Julia H. Allen, Sean Barnum, Robert J. Ellison, Gary McGraw, and Nancy R. Mead. Addison-Wesley, May 2008. ISBN: 032150917X.
Software is ubiquitous. Many of the products, services, and processes organizations use and offer are highly dependent on software to handle the sensitive and high-value data on which people’s privacy, livelihoods, and very lives depend. National security—and by extension citizens’ personal safety—relies on increasingly complex, interconnected, software-intensive information systems—systems that in many cases use the Internet or Internet-exposed private networks as their means for communication and transporting data.
Dependence on information technology makes software security a key element of business continuity, disaster recovery, incident response, and national security. Software vulnerabilities can jeopardize intellectual property, consumer trust, business operations and services, and a broad spectrum of critical applications and infrastructures, including everything from process control systems to commercial application products.
The integrity of critical digital assets (systems, networks, applications, and information) depends on the reliability and security of the software that enables and controls those assets. However, business leaders and informed consumers have growing concerns about the scarcity of practitioners with requisite competencies to address software security [Carey 2006]. They have concerns about suppliers’ capabilities to build and deliver secure software that they can use with confidence and without fear of compromise. Application software is the primary gateway to sensitive information. According to the Deloittesurvey of 169 major global financial institutions, 2007 Global Security Survey: The Shifting Security Paradigm [Deloitte 2007], current application software countermeasures are no longer adequate. In the survey, Gartner identifies application security as the number one issue for chief information officers (CIOs).
The absence of security discipline in today’s software development practices often produces software with exploitable weaknesses. Security-enhanced processes and practices—and the skilled people to manage them and perform them—are required to build software that can be trusted to operate more securely than software being used today.
That said, there is an economic counter-argument, or at least the perception of one. Some business leaders and project managers believe that developing secure software slows the process and adds to the cost while not offering any apparent advantage. In many cases, when the decision reduces to “ship now” or “be secure and ship later,” “ship now” is almost always the choice made by those who control the money but have no idea of the risks. Information to combat this argument, including how software security can potentially reduce cost and schedule, is becoming available based on earlier work in software quality and the benefits of detecting software defects early in the life cycle along with documented experiences such as Microsoft’s Security Development Lifecycle.

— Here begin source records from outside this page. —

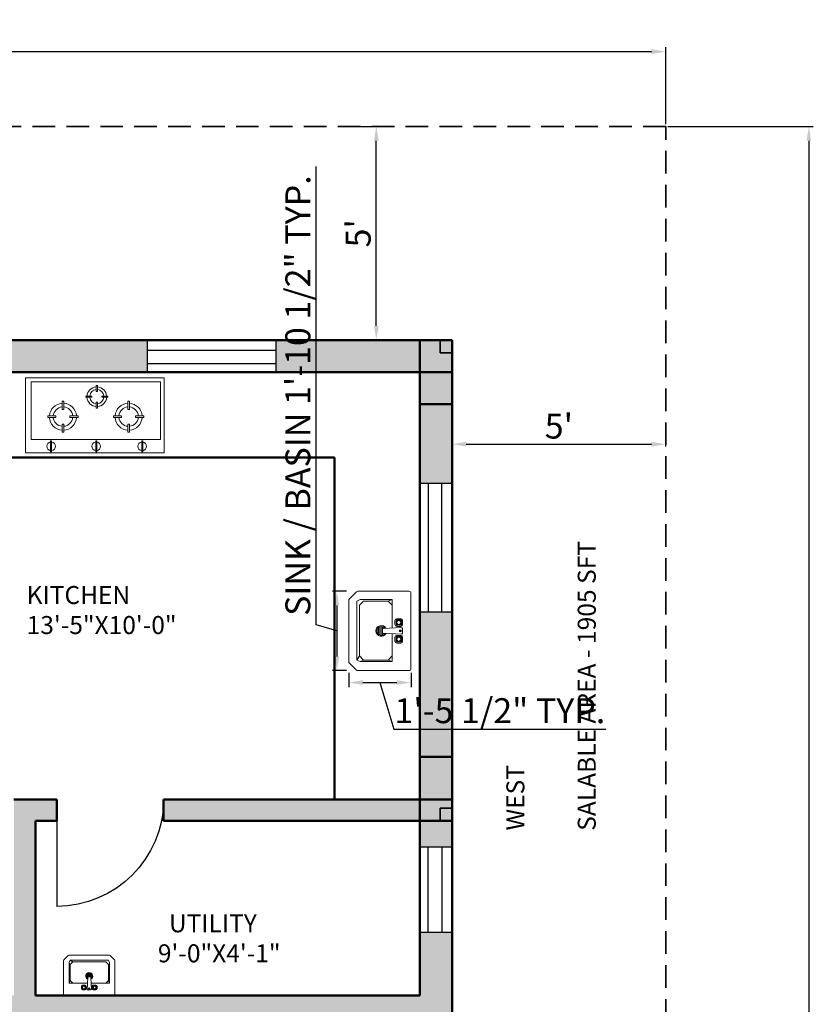
# Model space of a CAD drawing. Units: inches. Extents: x -7 to 1228, y -146 to 1091.
# Tile 88 of 88: x 1006 to 1228, y 814 to 1091. Entities that reach past the tile are written whole.
import ezdxf

# ---------------------------------------------------------------- set-up
doc = ezdxf.new("R2010")
doc.units = ezdxf.units.IN
doc.linetypes.add('DASHED2', pattern=[9.525, 6.35, -3.175])
for name, color, linetype, lineweight in [('A-ANNO-DIMS', 2, 'Continuous', 18), ('A-ANNO-TEXT', 7, 'Continuous', 18), ('A-AREA-IDEN', 7, 'Continuous', 18), ('A-COLS', 6, 'Continuous', 35), ('A-DOOR', 4, 'Continuous', 25), ('A-FURN', 8, 'Continuous', 18), ('A-GLAZ', 175, 'Continuous', 25), ('A-WALL', 7, 'Continuous', 50), ('A-WALL-PATT', 251, 'Continuous', 13), ('C-PROP', 1, 'DASHED2', 35)]:
    doc.layers.add(name, color=color, linetype=linetype, lineweight=lineweight)
doc.styles.get("Standard").update_dxf_attribs({"font": 'arial.ttf'})
doc.dimstyles.new('ISO-25', dxfattribs={"dimtxt": 7, "dimasz": 4, "dimexe": 1.25, "dimexo": 0.625, "dimtad": 1, "dimdec": 1, "dimlunit": 3, "dimtxsty": 'Standard', "dimcen": 2.5, "dimadec": 0, "dimazin": 0, "dimtfac": 1, "dimtdec": 1, "dimtmove": 1, "dimatfit": 3, "dimfxl": 1, "dimarcsym": 0})

# ---------------------------------------------------------------- blocks, each defined once
blk = doc.blocks.new('A$C72243D80')
at = {"ltscale": 1000}
for p, q in [((0, 0), (0, 384.2)), ((0, 384.2), (712, 384.2)), ((29.5, 68.9), (29.5, 363.2)), ((29.5, 363.2), (692.7, 363.2)), ((692.7, 363.2), (692.7, 68.9)), ((712, 384.2), (712, 0)), ((363.5, 314.5), (363.5, 345.1)), ((363.5, 345.1), (369.5, 345.1)), ((369.5, 314.5), (363.5, 314.5)), ((369.5, 345.1), (369.5, 314.5)), ((188.1, 264.2), (188.1, 222.1)), ((196.4, 264.2), (188.1, 264.2)), ((196.4, 222.1), (196.4, 264.2)), ((309.4, 291), (340, 291)), ((309.4, 285), (309.4, 291)), ((340, 285), (309.4, 285)), ((340, 291), (340, 285)), ((363.5, 260), (363.5, 229.4)), ((369.5, 260), (363.5, 260)), ((369.5, 229.4), (369.5, 260)), ((392.3, 291), (392.3, 285)), ((422.9, 291), (392.3, 291)), ((392.3, 285), (422.9, 285)), ((422.9, 285), (422.9, 291)), ((525.9, 222.1), (525.9, 264.2)), ((525.9, 264.2), (534.1, 264.2)), ((534.1, 264.2), (534.1, 222.1)), ((188.1, 222.1), (196.4, 222.1)), ((363.5, 229.4), (369.5, 229.4)), ((534.1, 222.1), (525.9, 222.1)), ((114.7, 189.8), (156.8, 189.8)), ((114.7, 181.6), (114.7, 189.8)), ((156.8, 181.6), (114.7, 181.6)), ((156.8, 189.8), (156.8, 181.6)), ((228.6, 189.8), (228.6, 181.6)), ((270.7, 189.8), (228.6, 189.8)), ((228.6, 181.6), (270.7, 181.6)), ((270.7, 181.6), (270.7, 189.8)), ((451.5, 189.8), (493.6, 189.8)), ((451.5, 181.6), (451.5, 189.8)), ((493.6, 181.6), (451.5, 181.6)), ((493.6, 189.8), (493.6, 181.6)), ((565.5, 189.8), (565.5, 181.6)), ((607.6, 189.8), (565.5, 189.8)), ((565.5, 181.6), (607.6, 181.6)), ((607.6, 181.6), (607.6, 189.8)), ((188.1, 147.2), (196.4, 147.2)), ((188.1, 105.1), (188.1, 147.2)), ((196.4, 105.1), (188.1, 105.1)), ((196.4, 147.2), (196.4, 105.1)), ((525.9, 147.2), (525.9, 105.1)), ((534.1, 147.2), (525.9, 147.2)), ((525.9, 105.1), (534.1, 105.1)), ((534.1, 105.1), (534.1, 147.2)), ((692.7, 68.9), (29.5, 68.9)), ((129.6, 61.1), (129.6, 5)), ((134.4, 61.1), (129.6, 61.1)), ((134.4, 5), (134.4, 61.1)), ((360.9, 5), (360.9, 61.1)), ((360.9, 61.1), (365.7, 61.1)), ((365.7, 61.1), (365.7, 5)), ((597, 5), (597, 61.1)), ((597, 61.1), (601.8, 61.1)), ((601.8, 61.1), (601.8, 5)), ((712, 0), (0, 0)), ((129.6, 5), (134.4, 5)), ((365.7, 5), (360.9, 5)), ((601.8, 5), (597, 5))]:
    blk.add_line(p, q, dxfattribs=at)
for centre, radius, start, end in [((366.2, 287.2), 50.3, 93.0344, 175.7271), ((366.1, 287.8), 36.3, 94.0374, 175.0142), ((366.2, 287.2), 50.3, 4.2729, 86.1838), ((366.1, 287.8), 36.3, 4.9858, 84.5356), ((192.7, 184.7), 69.2, 93.8162, 175.7271), ((192.7, 184.7), 69.2, 4.2729, 86.9656), ((366.2, 287.2), 50.3, 182.5783, 266.9656), ((366.1, 287.8), 36.3, 184.5153, 265.9626), ((366.1, 287.8), 36.3, 275.4644, 355.4847), ((366.2, 287.2), 50.3, 273.8162, 357.4217), ((529.5, 184.7), 69.2, 93.0344, 175.7271), ((529.5, 184.7), 69.2, 4.2729, 86.1838), ((192.9, 185.5), 49.9, 95.4644, 175.0142), ((192.9, 185.5), 49.9, 4.9858, 85.9626), ((529.4, 185.5), 49.9, 94.0374, 175.0142), ((529.4, 185.5), 49.9, 4.9858, 84.5356), ((192.7, 184.7), 69.2, 182.5783, 266.1838), ((192.9, 185.5), 49.9, 184.5153, 264.5356), ((192.9, 185.5), 49.9, 274.0374, 355.4847), ((192.7, 184.7), 69.2, 273.0344, 357.4217), ((529.5, 184.7), 69.2, 182.5783, 266.9656), ((529.4, 185.5), 49.9, 184.5153, 265.9626), ((529.5, 184.7), 69.2, 273.8162, 357.4217), ((529.4, 185.5), 49.9, 275.4644, 355.4847), ((132.3, 33.2), 22.5, 96.7453, 263.2547), ((132.3, 33.2), 22.5, 275.4789, 84.5211), ((363.1, 33.2), 22.5, 95.4789, 264.5211), ((363.1, 33.2), 22.5, 276.7453, 83.2547), ((599.2, 33.2), 22.5, 95.4789, 264.5211), ((599.2, 33.2), 22.5, 276.7453, 83.2547)]:
    blk.add_arc(centre, radius, start, end, dxfattribs=at)
blk = doc.blocks.new('A$C4CB854FF')
for p, q in [((0, 0.3675), (0, 0.0552)), ((0.4725, 0.38), (0.0125, 0.38)), ((0.485, 0.0552), (0.485, 0.3675)), ((0.1677, 0.2932), (0.1677, 0.318)), ((0.1745, 0.2919), (0.1745, 0.3194)), ((0.1773, 0.3221), (0.2048, 0.3221)), ((0.1787, 0.329), (0.2034, 0.329)), ((0.2075, 0.3194), (0.2075, 0.2919)), ((0.2144, 0.318), (0.2144, 0.2932)), ((0.2279, 0.2104), (0.2213, 0.3235)), ((0.2337, 0.329), (0.2502, 0.329)), ((0.2625, 0.3235), (0.256, 0.2104)), ((0.2694, 0.318), (0.2694, 0.2932)), ((0.2763, 0.3194), (0.2763, 0.2919)), ((0.3065, 0.3221), (0.279, 0.3221)), ((0.3052, 0.329), (0.2804, 0.329)), ((0.3093, 0.2919), (0.3093, 0.3194)), ((0.3162, 0.2932), (0.3162, 0.318)), ((0.05, 0.265), (0.2247, 0.265)), ((0.06, 0.24), (0.05, 0.265)), ((0.05, 0.07), (0.05, 0.265)), ((0.085, 0.265), (0.06, 0.24)), ((0.2048, 0.2891), (0.1773, 0.2891)), ((0.2034, 0.2822), (0.1787, 0.2822)), ((0.2591, 0.265), (0.43, 0.265)), ((0.279, 0.2891), (0.3065, 0.2891)), ((0.2804, 0.2822), (0.3052, 0.2822)), ((0.395, 0.265), (0.42, 0.24)), ((0.42, 0.24), (0.43, 0.265)), ((0.43, 0.07), (0.43, 0.265)), ((0.06, 0.24), (0.06, 0.09)), ((0.2152, 0.1984), (0.2694, 0.1984)), ((0.2297, 0.2066), (0.2165, 0.2066)), ((0.2681, 0.1901), (0.2165, 0.1901)), ((0.2272, 0.2149), (0.2208, 0.2149)), ((0.2638, 0.1819), (0.2208, 0.1819)), ((0.2505, 0.2052), (0.2334, 0.2052)), ((0.2681, 0.2066), (0.2541, 0.2066)), ((0.2638, 0.2149), (0.2566, 0.2149)), ((0.42, 0.24), (0.42, 0.09)), ((0.2533, 0.1736), (0.2313, 0.1736)), ((0.05, 0.07), (0.06, 0.05)), ((0.06, 0.09), (0.085, 0.065)), ((0.085, 0.065), (0.395, 0.065)), ((0.42, 0.09), (0.395, 0.065)), ((0.395, 0.065), (0.42, 0.05)), ((0.42, 0.09), (0.43, 0.07)), ((0.43, 0.07), (0.42, 0.05)), ((0.0037, 0.0463), (0.0463, 0.0037)), ((0.42, 0.05), (0.06, 0.05)), ((0.4387, 0.0037), (0.4813, 0.0463)), ((0.0552, 0), (0.4298, 0))]:
    blk.add_line(p, q)
for centre, radius in [((0.191, 0.3056), 0.0165), ((0.191, 0.3056), 0.0127), ((0.2419, 0.3152), 0.00688), ((0.2419, 0.3152), 0.00344), ((0.2928, 0.3056), 0.0165), ((0.2928, 0.3056), 0.0127)]:
    blk.add_circle(centre, radius)
for centre, radius, start, end in [((0.0125, 0.3675), 0.0125, 90, 180), ((0.4725, 0.3675), 0.0125, 0, 90), ((0.1787, 0.318), 0.011, 90, 180), ((0.1773, 0.3194), 0.00275, 90, 180), ((0.2034, 0.318), 0.011, 0, 90), ((0.2048, 0.3194), 0.00275, 360, 90), ((0.2329, 0.314), 0.015, 87.19754, 140.72744), ((0.2509, 0.314), 0.015, 39.27256, 92.80246), ((0.2804, 0.318), 0.011, 90, 180), ((0.279, 0.3194), 0.00275, 90, 180), ((0.3052, 0.318), 0.011, 0, 90), ((0.3065, 0.3194), 0.00275, 360, 90), ((0.1787, 0.2932), 0.011, 180, 270), ((0.1773, 0.2919), 0.00275, 180, 270), ((0.2034, 0.2932), 0.011, 270, 0), ((0.2048, 0.2919), 0.00275, 270, 0), ((0.2804, 0.2932), 0.011, 180, 270), ((0.279, 0.2919), 0.00275, 180, 270), ((0.3052, 0.2932), 0.011, 270, 360), ((0.3065, 0.2919), 0.00275, 270, 0), ((0.2423, 0.1984), 0.033, 118.68833, 62.86857), ((0.2423, 0.1984), 0.0271, 124.77581, 57.22467), ((0.2334, 0.2107), 0.0055, 183.3274, 270), ((0.2505, 0.2107), 0.0055, 270, 356.6726), ((0.0125, 0.0552), 0.0125, 180, 225), ((0.0552, 0.0125), 0.0125, 225, 270), ((0.4298, 0.0125), 0.0125, 270, 315), ((0.4725, 0.0552), 0.0125, 315, 0)]:
    blk.add_arc(centre, radius, start, end)
blk = doc.blocks.new('*D7')
at = {"layer": 'A-ANNO-DIMS', "color": 0, "lineweight": -2, "transparency": 16777216}
for p, q in [((1099.01, 1061), (1106.99, 1061)), ((1105.74, 1005), (1105.74, 1057)), ((1099.01, 1001), (1106.99, 1001))]:
    blk.add_line(p, q, dxfattribs=at)
at = {"layer": 'A-ANNO-DIMS', "color": 0, "transparency": 16777216}
for points in [[(1105.08, 1057), (1106.41, 1057), (1105.74, 1061)], [(1105.08, 1005), (1106.41, 1005), (1105.74, 1001)]]:
    blk.add_solid(points, dxfattribs=at)
at = {"layer": 'Defpoints', "color": 0, "transparency": 16777216}
for p in [(1098.39, 1061), (1105.74, 1061), (1098.39, 1001)]:
    blk.add_point(p, dxfattribs=at)
at = {"layer": 'A-ANNO-DIMS', "color": 0, "transparency": 16777216, "insert": (1101.56, 1031), "char_height": 7, "attachment_point": 5, "rotation": 90}
blk.add_mtext("5'", dxfattribs=at)
blk = doc.blocks.new('*D8')
at = {"layer": 'A-ANNO-DIMS', "color": 0, "lineweight": -2, "transparency": 16777216}
for p, q in [((1127, 971.1), (1127, 973.02)), ((1131, 971.77), (1183, 971.77)), ((1187, 971.1), (1187, 973.02))]:
    blk.add_line(p, q, dxfattribs=at)
at = {"layer": 'A-ANNO-DIMS', "color": 0, "transparency": 16777216}
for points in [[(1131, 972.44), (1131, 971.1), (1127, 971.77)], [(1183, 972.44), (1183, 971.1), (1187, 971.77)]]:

The Goal of Software Security Engineering
Software security engineering is using practices, processes, tools, and techniques that enable you to address security issues in every phase of the software development life cycle (SDLC). Software that is developed with security in mind is typically more resistant to both intentional attack and unintentional failures. One view of secure software is software that is engineered “so that it continues to function correctly under malicious attack” [McGraw 2006] and is able to recognize, resist, tolerate, and recover from events that intentionally threaten its dependability. Broader views that can overlap with software security (for example, software safety, reliability, and fault tolerance) include proper functioning in the face of unintentional failures or accidents and inadvertent misuse and abuse, as well as reducing software defects and weaknesses to the greatest extent possible regardless of their cause.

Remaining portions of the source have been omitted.